Randomized Neural Networks with Petrov–Galerkin Methods for Solving Linear Elasticity and Navier–Stokes Equations

We develop randomized neural networks (RNNs) with Petrov–Galerkin (RNN-PG) methods to solve linear elasticity and Navier–Stokes equations. RNN-PGs use the Petrov–Galerkin variational framework, where the solution is approximated by randomized neural networks and the test functions are piecewise polynomials. Unlike conventional neural networks, the parameters of the hidden layers of randomized neural networks are fixed randomly while the parameters of the output layer are determined by the least-squares method, which can effectively approximate the solution.
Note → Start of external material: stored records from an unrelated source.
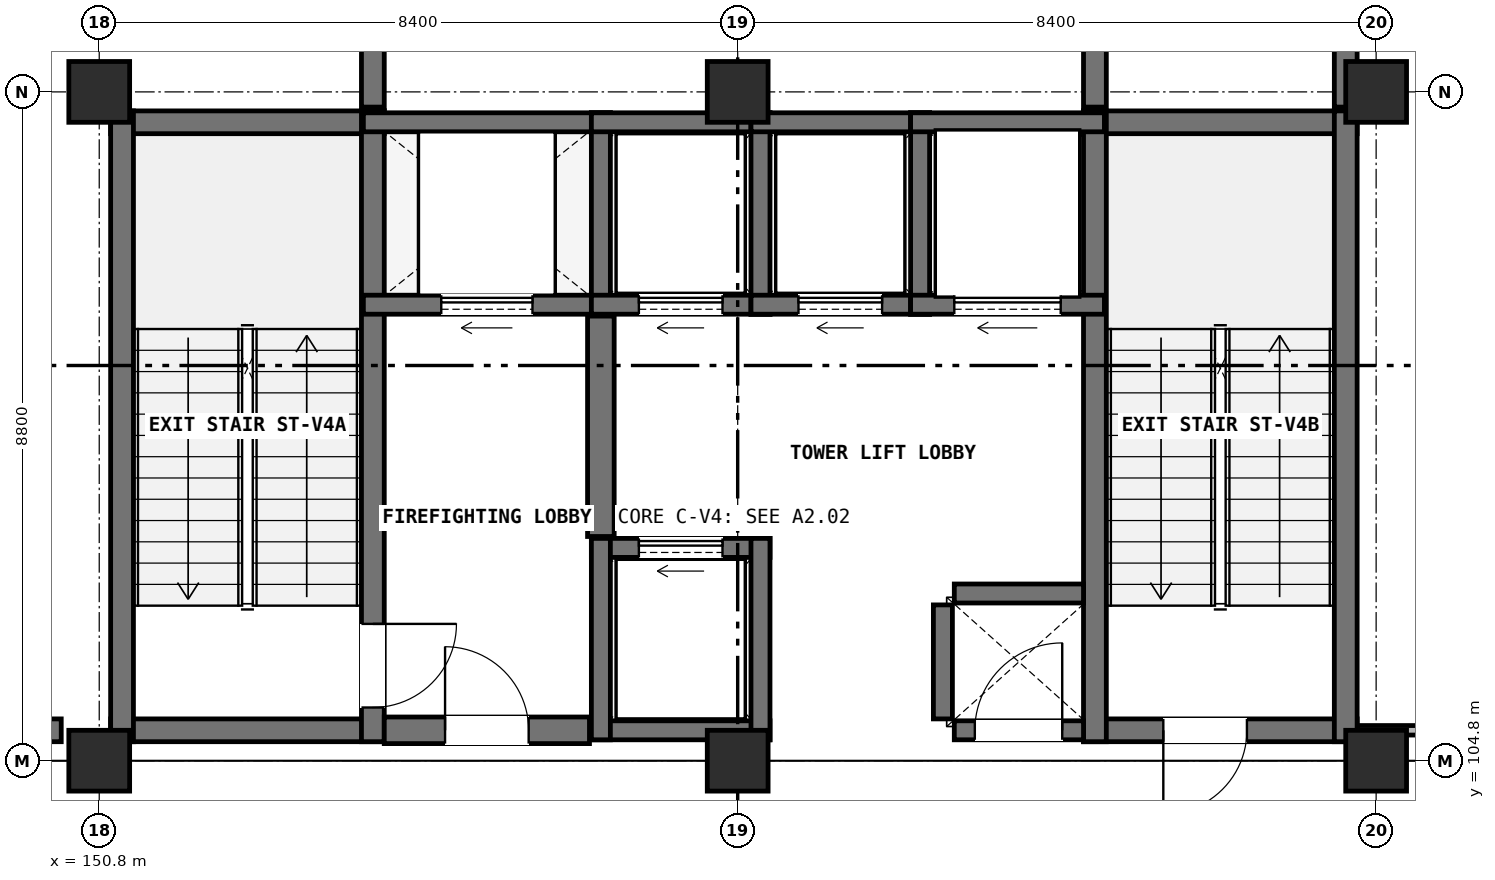
"""IFC4 building model, lengths in metres.
Left out: names, types, materials, properties, quantities, classifications, styles, units other than length and angle.
Written with IfcOpenShell. Run it as: python <this file> out.ifc"""

import sys

from ifc_helpers import new_model, si_unit, direction, frame, frame_2d, origin, origin_2d, place, context, subcontext, project, spatial, rectangle, extrude, element, fill, save


model = new_model("IFC4")
c1 = context("Model", 3, precision=1e-05, world=origin(), true_north=direction((0.0, 1.0)))
c2 = subcontext(c1, "Body", "Model", "MODEL_VIEW")
j1 = project(units=[si_unit("LENGTHUNIT", "METRE"), si_unit("PLANEANGLEUNIT", "RADIAN")], contexts=[c1])
p1 = place(None, origin())
s1 = spatial("IfcSite", under=j1, at=p1, CompositionType="ELEMENT")
p2 = place(p1, origin())
s2 = spatial("IfcBuilding", under=s1, at=p2, CompositionType="ELEMENT")
p3 = place(p2, origin())
s3 = spatial("IfcBuildingStorey", under=s2, at=p3, CompositionType="ELEMENT", Elevation=0.0)
for number, where, z_axis, x_axis in (
    (1, (150.8, 104.8, 0.0), (0.0, 0.0, 1.0), (1.0, 0.0, 0.0)),
    (2, (150.8, 113.6, 0.0), (0.0, 0.0, 1.0), (1.0, 0.0, 0.0)),
    (3, (159.2, 104.8, 0.0), (0.0, 0.0, 1.0), (1.0, 0.0, 0.0)),
    (4, (159.2, 113.6, 0.0), (0.0, 0.0, 1.0), (1.0, 0.0, 0.0)),
    (5, (167.6, 104.8, 0.0), (0.0, 0.0, 1.0), (1.0, 0.0, 0.0)),
    (6, (167.6, 113.6, 0.0), (0.0, 0.0, 1.0), (1.0, 0.0, 0.0)),
):
    element("IfcColumn", number, at=place(p3, frame(where, z_axis=z_axis, x_axis=x_axis)), inside=s3, PredefinedType="COLUMN", context=c2, shape_type="SweptSolid", body=[
        extrude(rectangle(XDim=0.8, YDim=0.8, at=origin_2d()), origin(), (0.0, 0.0, 1.0), 4.8),
    ])
for number, where, z_axis, x_axis in (
    (7, (150.95, 105.2, 0.0), (0.0, 0.0, 1.0), (1.0, 0.0, 0.0)),
    (8, (150.95, 113.2, 0.0), (0.0, 0.0, 1.0), (1.0, 0.0, 0.0)),
):
    element("IfcWall", number, at=place(p3, frame(where, z_axis=z_axis, x_axis=x_axis)), inside=s3, PredefinedType="SHEAR", context=c2, shape_type="SweptSolid", body=[
        extrude(rectangle(XDim=3.6, YDim=0.3, at=frame_2d((1.8, 0.0))), origin(), (0.0, 0.0, 1.0), 4.8),
    ])
p4 = place(p3, frame((151.1, 105.05, 0.0), z_axis=(0.0, 0.0, 1.0), x_axis=(0.0, 1.0, 0.0)))
e9 = element("IfcWall", 9, at=p4, inside=s3, PredefinedType="SHEAR", context=c2, shape_type="SweptSolid", body=[
    extrude(rectangle(XDim=8.3, YDim=0.3, at=frame_2d((4.15, 0.0))), origin(), (0.0, 0.0, 1.0), 4.8),
])
p5 = place(p3, frame((154.4, 105.05, 0.0), z_axis=(0.0, 0.0, 1.0), x_axis=(0.0, 1.0, 0.0)))
e10 = element("IfcWall", 10, at=p5, inside=s3, PredefinedType="SHEAR", context=c2, shape_type="SweptSolid", body=[
    extrude(rectangle(XDim=8.3, YDim=0.3, at=frame_2d((4.15, 0.0))), origin(), (0.0, 0.0, 1.0), 4.8),
])
p6 = place(p5, frame((0.45, 0.0, 0.0)))
e11 = element("IfcOpeningElement", 11, at=p6, cuts=e10, PredefinedType="OPENING", context=c2, shape_type="SweptSolid", body=[
    extrude(rectangle(XDim=1.1, YDim=2.2, at=frame_2d((0.55, 1.1))), frame((0.0, 0.16, 0.0), z_axis=(0.0, -1.0, 0.0), x_axis=(1.0, 0.0, 0.0)), (0.0, 0.0, 1.0), 0.32),
])
p7 = place(p3, frame((163.75, 105.2, 0.0), z_axis=(0.0, 0.0, 1.0), x_axis=(1.0, 0.0, 0.0)))
e12 = element("IfcWall", 12, at=p7, inside=s3, PredefinedType="SHEAR", context=c2, shape_type="SweptSolid", body=[
    extrude(rectangle(XDim=3.6, YDim=0.3, at=frame_2d((1.8, 0.0))), origin(), (0.0, 0.0, 1.0), 4.8),
])
p8 = place(p7, frame((1.05, 0.0, 0.0)))
e13 = element("IfcOpeningElement", 13, at=p8, cuts=e12, PredefinedType="OPENING", context=c2, shape_type="SweptSolid", body=[
    extrude(rectangle(XDim=1.1, YDim=2.2, at=frame_2d((0.55, 1.1))), frame((0.0, 0.16, 0.0), z_axis=(0.0, -1.0, 0.0), x_axis=(1.0, 0.0, 0.0)), (0.0, 0.0, 1.0), 0.32),
])
p9 = place(p3, frame((163.75, 113.2, 0.0), z_axis=(0.0, 0.0, 1.0), x_axis=(1.0, 0.0, 0.0)))
e14 = element("IfcWall", 14, at=p9, inside=s3, PredefinedType="SHEAR", context=c2, shape_type="SweptSolid", body=[
    extrude(rectangle(XDim=3.6, YDim=0.3, at=frame_2d((1.8, 0.0))), origin(), (0.0, 0.0, 1.0), 4.8),
])
for number, where, z_axis, x_axis in (
    (15, (163.9, 105.05, 0.0), (0.0, 0.0, 1.0), (0.0, 1.0, 0.0)),
    (16, (167.2, 105.05, 0.0), (0.0, 0.0, 1.0), (0.0, 1.0, 0.0)),
):
    element("IfcWall", number, at=place(p3, frame(where, z_axis=z_axis, x_axis=x_axis)), inside=s3, PredefinedType="SHEAR", context=c2, shape_type="SweptSolid", body=[
        extrude(rectangle(XDim=8.3, YDim=0.3, at=frame_2d((4.15, 0.0))), origin(), (0.0, 0.0, 1.0), 4.8),
    ])
p10 = place(p3, frame((154.275, 110.8, 0.0), z_axis=(0.0, 0.0, 1.0), x_axis=(1.0, 0.0, 0.0)))
e17 = element("IfcWall", 17, at=p10, inside=s3, PredefinedType="SOLIDWALL", context=c2, shape_type="SweptSolid", body=[
    extrude(rectangle(XDim=3.25, YDim=0.25, at=frame_2d((1.625, 0.0))), origin(), (0.0, 0.0, 1.0), 4.48),
])
p11 = place(p10, frame((1.025, 0.0, 0.0)))
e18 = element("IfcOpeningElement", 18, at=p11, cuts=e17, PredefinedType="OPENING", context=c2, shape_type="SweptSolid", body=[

We also develop mixed RNN-PG (M-RNN-PG) methods for linear elasticity problems to ensure symmetry of the stress tensor and avoid locking effects. For the Stokes problem, we present various M-RNN-PG methods that enforce the divergence-free constraint by different techniques. For the Navier–Stokes equations, we propose a space-time M-RNN-PG that uses Picard or Newton iteration to deal with the nonlinear term. Using several examples, we compare RNN-PG methods with the finite-element method, the mixed discontinuous Galerkin method, and the physics-informed neural network. The numerical results demonstrate that RNN-PG methods achieve higher accuracy and efficiency.